Multi Valued Travel Times for Crustal Scale Applications

Multi valued travel times have traditionally not been used in seismic imaging, with only a handful of notable exceptions in the field of exploration geophysics. For studies on local and regional scales (e.g. local earthquake/teleseismic tomography), the focus has largely been on first arrivals, and numerous ray and grid based schemes have been developed for predicting this class of data. However, later arrivals often contribute to the length and shape of a recorded wavetrain, particularly in regions of complex geology. These arrivals are likely to contain additional information about seismic structure, as their two point path differs from that of the first arrival; in particular, they are more amenable to sampling regions of lower velocity.

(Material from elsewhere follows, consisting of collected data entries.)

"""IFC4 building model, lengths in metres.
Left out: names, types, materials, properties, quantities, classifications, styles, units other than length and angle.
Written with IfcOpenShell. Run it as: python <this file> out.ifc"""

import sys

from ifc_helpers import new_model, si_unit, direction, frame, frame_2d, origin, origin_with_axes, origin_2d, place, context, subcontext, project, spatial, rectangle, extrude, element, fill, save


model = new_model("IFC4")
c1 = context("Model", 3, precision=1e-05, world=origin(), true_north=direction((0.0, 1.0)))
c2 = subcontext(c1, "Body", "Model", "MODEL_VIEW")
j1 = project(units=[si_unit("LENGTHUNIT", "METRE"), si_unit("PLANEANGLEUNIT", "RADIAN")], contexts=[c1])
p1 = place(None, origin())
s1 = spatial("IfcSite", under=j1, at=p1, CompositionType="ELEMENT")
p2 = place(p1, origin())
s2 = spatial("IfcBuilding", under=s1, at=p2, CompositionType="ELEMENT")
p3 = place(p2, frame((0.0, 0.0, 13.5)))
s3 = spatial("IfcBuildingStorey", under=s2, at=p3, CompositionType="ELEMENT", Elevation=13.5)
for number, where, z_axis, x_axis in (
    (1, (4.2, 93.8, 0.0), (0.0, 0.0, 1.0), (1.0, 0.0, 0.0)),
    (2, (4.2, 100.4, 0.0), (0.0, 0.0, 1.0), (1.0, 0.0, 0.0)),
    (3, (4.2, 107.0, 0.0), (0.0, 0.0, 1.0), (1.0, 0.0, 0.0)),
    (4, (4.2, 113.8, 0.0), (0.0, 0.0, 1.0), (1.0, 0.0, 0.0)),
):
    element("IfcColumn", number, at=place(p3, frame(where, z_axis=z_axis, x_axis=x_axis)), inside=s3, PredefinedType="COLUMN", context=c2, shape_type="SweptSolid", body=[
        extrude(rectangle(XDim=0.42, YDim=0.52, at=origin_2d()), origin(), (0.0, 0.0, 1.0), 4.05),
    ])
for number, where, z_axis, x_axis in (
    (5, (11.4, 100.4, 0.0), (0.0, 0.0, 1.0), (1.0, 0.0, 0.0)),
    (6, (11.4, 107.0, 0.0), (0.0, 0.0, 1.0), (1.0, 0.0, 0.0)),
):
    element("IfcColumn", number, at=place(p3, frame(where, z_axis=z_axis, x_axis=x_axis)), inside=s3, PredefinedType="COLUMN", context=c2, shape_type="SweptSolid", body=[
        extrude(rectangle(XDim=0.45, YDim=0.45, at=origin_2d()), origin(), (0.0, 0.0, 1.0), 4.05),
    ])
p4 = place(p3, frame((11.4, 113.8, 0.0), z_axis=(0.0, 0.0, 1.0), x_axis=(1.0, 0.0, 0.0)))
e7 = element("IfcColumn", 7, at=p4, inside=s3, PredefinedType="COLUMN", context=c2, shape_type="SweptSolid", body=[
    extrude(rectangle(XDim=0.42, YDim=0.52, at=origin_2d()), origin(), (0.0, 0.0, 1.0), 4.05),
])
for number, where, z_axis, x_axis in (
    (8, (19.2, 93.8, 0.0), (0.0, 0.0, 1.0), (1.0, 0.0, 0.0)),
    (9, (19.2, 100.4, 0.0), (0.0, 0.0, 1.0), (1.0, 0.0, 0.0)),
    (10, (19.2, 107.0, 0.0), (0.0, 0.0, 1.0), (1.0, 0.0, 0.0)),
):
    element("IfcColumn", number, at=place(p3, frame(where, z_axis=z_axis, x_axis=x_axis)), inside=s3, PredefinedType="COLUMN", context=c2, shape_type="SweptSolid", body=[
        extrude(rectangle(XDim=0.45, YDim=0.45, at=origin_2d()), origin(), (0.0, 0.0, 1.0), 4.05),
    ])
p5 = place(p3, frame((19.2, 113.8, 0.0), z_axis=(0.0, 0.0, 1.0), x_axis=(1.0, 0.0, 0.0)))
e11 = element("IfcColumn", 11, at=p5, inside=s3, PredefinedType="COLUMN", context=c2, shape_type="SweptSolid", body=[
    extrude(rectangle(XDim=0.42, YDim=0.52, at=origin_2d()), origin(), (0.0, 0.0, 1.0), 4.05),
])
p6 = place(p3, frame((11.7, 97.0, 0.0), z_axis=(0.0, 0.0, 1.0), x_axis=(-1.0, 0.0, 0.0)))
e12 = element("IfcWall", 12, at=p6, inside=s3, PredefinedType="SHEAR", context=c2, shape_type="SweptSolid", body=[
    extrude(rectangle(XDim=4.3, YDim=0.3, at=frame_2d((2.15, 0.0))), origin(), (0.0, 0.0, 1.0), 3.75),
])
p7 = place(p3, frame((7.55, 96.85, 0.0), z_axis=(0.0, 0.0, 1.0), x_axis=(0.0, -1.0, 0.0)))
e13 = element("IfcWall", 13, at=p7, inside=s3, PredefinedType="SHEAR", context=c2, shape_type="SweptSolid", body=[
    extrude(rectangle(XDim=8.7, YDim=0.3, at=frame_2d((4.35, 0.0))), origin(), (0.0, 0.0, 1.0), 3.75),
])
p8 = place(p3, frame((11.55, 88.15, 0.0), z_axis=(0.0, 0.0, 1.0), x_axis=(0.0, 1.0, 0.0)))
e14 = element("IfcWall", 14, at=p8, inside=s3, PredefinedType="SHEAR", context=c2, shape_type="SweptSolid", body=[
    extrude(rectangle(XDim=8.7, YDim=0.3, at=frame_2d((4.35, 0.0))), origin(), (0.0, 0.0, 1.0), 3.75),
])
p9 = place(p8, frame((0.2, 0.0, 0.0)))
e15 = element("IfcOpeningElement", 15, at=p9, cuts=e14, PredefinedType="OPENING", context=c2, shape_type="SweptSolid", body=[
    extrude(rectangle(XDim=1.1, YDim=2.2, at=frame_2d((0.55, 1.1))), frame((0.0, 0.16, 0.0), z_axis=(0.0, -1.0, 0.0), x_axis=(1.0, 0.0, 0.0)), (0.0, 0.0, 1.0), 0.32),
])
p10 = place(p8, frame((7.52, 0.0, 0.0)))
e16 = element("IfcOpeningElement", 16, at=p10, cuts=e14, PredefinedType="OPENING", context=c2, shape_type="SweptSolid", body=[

Recently, several grid based schemes have been proposed for solving the multi valued travel time problem. Although promising, they currently require significant computational resources for crustal scale problems, and further development is required before practical application becomes feasible. An alternative approach, sometimes referred to as wavefront construction, is to represent the wavefront as a set of points, and use local ray tracing and interpolation to advance the wavefront in a series of time steps. In this paper, we use the wavefront construction principle as the basis of a new scheme for computing multi- valued traveltimes that arise from smooth variations in both velocity structure and interface geometry. The wavefront tracking is performed in reduced phase space, which significantly enhances the method's ability to correctly resolve complex features such as triplications. Tests with a variety of models show that the scheme is robust in the presence of strong velocity heterogeneity and interface curvature, with phases comprising multiple reflections, refractions and triplications successfully tracked. A Gaussian beam method is applied using the computed ray paths, and allows rapid estimation of synthetic seismograms, which can be used to help discriminate between later arrivals in observed data. Using our new method, we show that exploiting later arrivals in travel time tomography can result in superior images. Another potential application of the scheme is in the generation of synthetic receiver functions in laterally varying media; current methods for predicting receiver functions assume that seismic structure varies with depth only.